Ce matin-là, le ciel était d’un bleu azur, aucun nuage n’apparaissait dans le ciel, seuls les rayons du soleil me réchauffaient à travers les vitres. Pour moi plus rien n’avait d’odeur, de saveur, je me sentais seule au monde : un vide sidéral s’ouvrait à moi. J’avais le sentiment de tout perdre, ma liberté, ma joie de vivre, plus aucune envie de rien, mais aussi et surtout ma famille qui est tout pour moi. Quand aurions-nous l’occasion de nous revoir ?

Aux Amandiers les visites étaient quotidiennes et là je savais déjà qu’elles se réduiraient à 1 heure par semaine et 1 personne. Je voyais cela comme 1 heure de parloir. Enfin le taxi me dépose devant la porte d’entrée. Karim, le chauffeur ou plutôt mon chauffeur attitré, puisque c’était lui qui durant tout le séjour aux Amandiers m’avait pris en charge et chaque fois nous avions des conversations fortes intéressantes.

Arrivée à l’étage je revois encore ce long couloir qui m’a paru effrayant. Personne, aucune personne ne semblait y déambuler. Immédiatement j’ai été frappée par le hublot présent sur chacune des portes de ce que je pensais bien être les chambres. Ces fameux hublots chargés d’un store m’ont terrorisée, je ne savais plus si j’allais rentrer en prison ou si j’allais être internée. Je n’avais qu’une envie, c’était de fuir.

Au même moment, une infirmière me demande sur un ton qui m’a paru d’une grande sévérité, presque agressive, de traverser l’hôpital pour aller aux admissions. Ayant repris l’ascenseur me voilà dehors vêtue de ma mini-jupe beige et de mes traditionnels sabots de l’Ile de Ré qui ne me quittent jamais. Durant tout le trajet aller et retour entre ce foutu étage de TCA (Troubles des conduites alimentaires) et les admissions, je me demandais comment je pourrai me dérober. J’hésitais à fuir à pied, partir loin ou appeler Pierre et le prier de venir me chercher.

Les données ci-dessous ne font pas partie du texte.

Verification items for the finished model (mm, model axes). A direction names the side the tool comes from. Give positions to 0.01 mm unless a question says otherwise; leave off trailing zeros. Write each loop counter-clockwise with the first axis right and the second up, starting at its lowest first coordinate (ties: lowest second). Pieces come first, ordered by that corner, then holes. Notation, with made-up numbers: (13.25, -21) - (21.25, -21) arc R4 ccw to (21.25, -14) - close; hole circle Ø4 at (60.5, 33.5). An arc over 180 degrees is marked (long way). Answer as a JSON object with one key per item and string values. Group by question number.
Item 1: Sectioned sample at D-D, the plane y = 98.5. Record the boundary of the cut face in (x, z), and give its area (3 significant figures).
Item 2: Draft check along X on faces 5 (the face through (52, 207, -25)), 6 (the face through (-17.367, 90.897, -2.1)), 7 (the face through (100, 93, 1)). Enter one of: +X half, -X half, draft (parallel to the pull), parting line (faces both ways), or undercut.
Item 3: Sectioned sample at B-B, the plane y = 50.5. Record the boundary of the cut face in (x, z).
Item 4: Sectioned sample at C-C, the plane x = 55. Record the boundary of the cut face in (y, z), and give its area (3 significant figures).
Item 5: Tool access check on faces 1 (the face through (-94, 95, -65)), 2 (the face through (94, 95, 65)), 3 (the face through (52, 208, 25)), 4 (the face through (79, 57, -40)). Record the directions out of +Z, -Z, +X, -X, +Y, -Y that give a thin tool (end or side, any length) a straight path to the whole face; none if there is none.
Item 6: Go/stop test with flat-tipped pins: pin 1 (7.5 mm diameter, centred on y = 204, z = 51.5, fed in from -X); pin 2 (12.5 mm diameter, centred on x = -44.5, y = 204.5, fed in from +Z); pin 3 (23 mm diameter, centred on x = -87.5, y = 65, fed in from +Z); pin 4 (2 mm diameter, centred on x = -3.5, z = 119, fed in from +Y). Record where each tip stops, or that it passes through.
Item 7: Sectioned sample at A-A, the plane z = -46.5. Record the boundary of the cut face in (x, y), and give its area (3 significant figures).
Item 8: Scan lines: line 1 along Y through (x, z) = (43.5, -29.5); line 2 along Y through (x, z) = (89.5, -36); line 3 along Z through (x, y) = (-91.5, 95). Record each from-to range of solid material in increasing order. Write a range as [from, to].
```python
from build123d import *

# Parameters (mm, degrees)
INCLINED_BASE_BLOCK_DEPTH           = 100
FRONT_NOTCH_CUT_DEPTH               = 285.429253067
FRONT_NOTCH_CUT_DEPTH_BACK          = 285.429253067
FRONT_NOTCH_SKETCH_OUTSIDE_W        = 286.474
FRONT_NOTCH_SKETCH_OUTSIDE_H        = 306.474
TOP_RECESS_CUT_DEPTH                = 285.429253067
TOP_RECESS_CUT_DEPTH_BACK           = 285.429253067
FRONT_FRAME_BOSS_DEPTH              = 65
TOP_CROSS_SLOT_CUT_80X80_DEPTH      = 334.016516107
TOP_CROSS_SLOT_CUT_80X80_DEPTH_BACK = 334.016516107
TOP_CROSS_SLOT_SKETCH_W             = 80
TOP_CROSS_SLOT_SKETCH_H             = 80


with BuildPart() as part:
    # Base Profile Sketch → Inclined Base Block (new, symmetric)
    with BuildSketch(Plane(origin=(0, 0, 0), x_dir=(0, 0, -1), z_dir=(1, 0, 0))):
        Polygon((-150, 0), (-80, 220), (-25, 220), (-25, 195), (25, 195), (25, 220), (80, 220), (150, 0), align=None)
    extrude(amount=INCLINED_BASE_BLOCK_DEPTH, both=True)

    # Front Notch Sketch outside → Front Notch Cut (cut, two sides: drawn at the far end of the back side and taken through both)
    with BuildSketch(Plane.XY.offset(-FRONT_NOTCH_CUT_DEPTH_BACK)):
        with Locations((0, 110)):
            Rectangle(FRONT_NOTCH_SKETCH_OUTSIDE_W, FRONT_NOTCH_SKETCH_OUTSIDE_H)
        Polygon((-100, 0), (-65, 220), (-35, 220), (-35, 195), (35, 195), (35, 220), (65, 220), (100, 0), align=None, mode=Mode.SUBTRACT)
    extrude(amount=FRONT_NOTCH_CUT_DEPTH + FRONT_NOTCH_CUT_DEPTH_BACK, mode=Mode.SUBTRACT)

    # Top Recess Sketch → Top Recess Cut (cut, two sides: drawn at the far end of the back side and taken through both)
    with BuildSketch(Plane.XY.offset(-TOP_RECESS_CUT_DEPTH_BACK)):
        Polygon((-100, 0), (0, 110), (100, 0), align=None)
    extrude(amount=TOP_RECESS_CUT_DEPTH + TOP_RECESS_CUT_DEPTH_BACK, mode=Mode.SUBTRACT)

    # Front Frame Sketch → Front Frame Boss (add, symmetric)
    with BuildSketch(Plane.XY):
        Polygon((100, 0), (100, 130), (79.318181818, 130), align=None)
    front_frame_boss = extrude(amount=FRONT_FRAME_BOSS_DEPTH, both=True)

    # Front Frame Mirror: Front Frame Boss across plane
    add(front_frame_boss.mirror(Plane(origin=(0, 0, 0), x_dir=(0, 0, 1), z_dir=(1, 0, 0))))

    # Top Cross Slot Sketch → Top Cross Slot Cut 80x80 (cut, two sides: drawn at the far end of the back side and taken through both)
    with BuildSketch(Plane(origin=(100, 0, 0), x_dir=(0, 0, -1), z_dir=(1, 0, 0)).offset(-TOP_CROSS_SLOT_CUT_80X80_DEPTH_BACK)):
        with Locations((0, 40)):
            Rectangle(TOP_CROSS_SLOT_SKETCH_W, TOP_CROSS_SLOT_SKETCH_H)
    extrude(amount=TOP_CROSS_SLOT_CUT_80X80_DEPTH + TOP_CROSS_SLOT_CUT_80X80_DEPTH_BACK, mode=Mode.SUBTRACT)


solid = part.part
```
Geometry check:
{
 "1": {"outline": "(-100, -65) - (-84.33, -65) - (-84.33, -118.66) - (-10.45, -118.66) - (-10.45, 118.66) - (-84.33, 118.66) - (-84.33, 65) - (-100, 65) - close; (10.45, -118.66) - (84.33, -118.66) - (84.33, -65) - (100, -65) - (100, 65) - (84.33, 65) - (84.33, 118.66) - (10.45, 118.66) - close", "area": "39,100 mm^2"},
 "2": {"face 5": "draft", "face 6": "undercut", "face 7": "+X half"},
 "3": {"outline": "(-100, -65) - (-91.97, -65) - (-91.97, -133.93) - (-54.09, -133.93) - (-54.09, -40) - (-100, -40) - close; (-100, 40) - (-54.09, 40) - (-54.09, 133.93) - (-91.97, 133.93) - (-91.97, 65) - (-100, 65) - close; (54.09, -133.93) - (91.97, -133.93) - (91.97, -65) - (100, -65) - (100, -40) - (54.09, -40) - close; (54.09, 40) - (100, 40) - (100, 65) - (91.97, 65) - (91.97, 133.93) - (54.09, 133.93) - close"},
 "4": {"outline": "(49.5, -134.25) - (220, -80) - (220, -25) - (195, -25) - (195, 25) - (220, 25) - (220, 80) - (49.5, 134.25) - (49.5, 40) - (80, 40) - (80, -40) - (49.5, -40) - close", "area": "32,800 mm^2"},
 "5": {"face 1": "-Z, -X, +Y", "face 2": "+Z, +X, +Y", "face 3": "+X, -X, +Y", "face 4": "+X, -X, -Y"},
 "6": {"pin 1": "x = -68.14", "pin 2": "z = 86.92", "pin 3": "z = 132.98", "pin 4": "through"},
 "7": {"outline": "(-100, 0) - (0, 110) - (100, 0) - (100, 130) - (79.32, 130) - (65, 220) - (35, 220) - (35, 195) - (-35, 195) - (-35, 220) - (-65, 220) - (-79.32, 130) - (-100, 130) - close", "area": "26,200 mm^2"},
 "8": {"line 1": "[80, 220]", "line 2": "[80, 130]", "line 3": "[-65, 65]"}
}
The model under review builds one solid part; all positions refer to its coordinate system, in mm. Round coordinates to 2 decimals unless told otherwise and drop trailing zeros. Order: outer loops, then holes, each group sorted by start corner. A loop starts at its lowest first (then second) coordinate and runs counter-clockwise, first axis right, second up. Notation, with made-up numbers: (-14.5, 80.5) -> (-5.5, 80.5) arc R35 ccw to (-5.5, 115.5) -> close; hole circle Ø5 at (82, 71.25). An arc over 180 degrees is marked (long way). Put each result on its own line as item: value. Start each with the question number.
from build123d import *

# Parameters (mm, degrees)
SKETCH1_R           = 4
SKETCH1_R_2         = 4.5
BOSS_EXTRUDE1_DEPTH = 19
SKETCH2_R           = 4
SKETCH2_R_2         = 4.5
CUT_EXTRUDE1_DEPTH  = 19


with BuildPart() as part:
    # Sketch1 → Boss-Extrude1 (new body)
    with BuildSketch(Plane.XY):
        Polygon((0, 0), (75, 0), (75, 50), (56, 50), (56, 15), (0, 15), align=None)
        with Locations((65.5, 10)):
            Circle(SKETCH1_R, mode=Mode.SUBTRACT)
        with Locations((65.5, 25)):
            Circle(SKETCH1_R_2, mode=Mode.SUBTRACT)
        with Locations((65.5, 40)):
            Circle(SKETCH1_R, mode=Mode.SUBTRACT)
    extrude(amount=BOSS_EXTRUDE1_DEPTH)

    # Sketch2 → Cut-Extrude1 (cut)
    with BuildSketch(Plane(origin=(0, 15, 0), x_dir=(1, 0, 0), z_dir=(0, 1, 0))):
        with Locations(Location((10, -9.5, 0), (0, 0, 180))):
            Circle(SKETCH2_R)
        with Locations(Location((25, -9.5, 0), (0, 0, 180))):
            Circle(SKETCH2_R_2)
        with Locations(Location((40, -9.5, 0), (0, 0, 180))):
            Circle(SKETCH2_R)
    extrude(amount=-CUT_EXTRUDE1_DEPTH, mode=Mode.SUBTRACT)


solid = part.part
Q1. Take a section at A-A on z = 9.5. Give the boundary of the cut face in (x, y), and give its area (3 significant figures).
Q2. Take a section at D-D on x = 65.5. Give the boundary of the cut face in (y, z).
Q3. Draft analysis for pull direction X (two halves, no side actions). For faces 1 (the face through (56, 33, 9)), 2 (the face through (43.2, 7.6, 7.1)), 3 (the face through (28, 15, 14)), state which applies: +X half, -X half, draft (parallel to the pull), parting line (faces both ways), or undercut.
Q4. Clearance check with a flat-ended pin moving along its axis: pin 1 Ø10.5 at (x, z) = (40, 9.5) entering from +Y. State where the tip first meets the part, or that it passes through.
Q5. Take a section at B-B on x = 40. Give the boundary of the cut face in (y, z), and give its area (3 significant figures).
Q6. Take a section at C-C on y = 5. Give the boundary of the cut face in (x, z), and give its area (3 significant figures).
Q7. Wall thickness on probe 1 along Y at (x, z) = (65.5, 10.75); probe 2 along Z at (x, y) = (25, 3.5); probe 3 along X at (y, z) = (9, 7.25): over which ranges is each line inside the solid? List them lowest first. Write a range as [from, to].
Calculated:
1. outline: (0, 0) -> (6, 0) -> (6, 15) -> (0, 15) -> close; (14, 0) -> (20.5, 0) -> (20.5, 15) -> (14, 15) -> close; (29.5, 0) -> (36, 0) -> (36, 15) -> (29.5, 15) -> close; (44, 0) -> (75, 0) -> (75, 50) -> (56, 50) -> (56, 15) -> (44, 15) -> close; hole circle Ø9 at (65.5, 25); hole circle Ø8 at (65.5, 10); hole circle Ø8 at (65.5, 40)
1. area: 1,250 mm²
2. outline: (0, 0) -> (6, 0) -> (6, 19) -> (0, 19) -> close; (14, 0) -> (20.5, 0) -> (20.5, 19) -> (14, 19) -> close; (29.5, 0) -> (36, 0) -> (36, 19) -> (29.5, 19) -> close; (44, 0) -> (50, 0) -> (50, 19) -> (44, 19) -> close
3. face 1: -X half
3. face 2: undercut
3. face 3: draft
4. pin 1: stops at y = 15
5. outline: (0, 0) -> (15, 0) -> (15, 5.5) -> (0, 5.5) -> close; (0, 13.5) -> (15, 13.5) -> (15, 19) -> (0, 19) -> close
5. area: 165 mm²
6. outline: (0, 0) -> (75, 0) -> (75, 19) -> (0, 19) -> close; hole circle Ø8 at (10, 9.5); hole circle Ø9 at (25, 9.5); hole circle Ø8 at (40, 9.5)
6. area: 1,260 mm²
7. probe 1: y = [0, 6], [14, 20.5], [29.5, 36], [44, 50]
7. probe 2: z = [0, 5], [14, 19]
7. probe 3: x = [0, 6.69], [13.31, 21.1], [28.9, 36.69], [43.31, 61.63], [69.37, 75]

Non, je savais au fond de moi que cela n’aurait servi à rien, il souhaite tant que je guérisse. J’étais comme prise au piège, j’avais le sentiment d’être cernée. Une fois de retour à l’étage on m’a emmenée dans ma chambre : la chambre 33. En y entrant, j’ai été saisie par l’austérité, l’exiguïté. Où était ma grande chambre des Amandiers ? À cet instant ce n’était plus l’image de la prison qui me tenait, mais cela m’a plutôt rappelé les nombreux séjours que j’ai faits dans ma jeunesse puis plus tard en couple ou en famille, dans les couvents pour des retraites. J’avais envie de fermer les yeux, pour ressentir l’odeur de l’encens, de la cire des cierges qui fondent, d’imaginer les statues et prie-Dieu. De m’évader ainsi quelques instants comme si j’avais la possibilité de me lover contre le Seigneur afin qu’il me protège, me rassure voir même me sauve !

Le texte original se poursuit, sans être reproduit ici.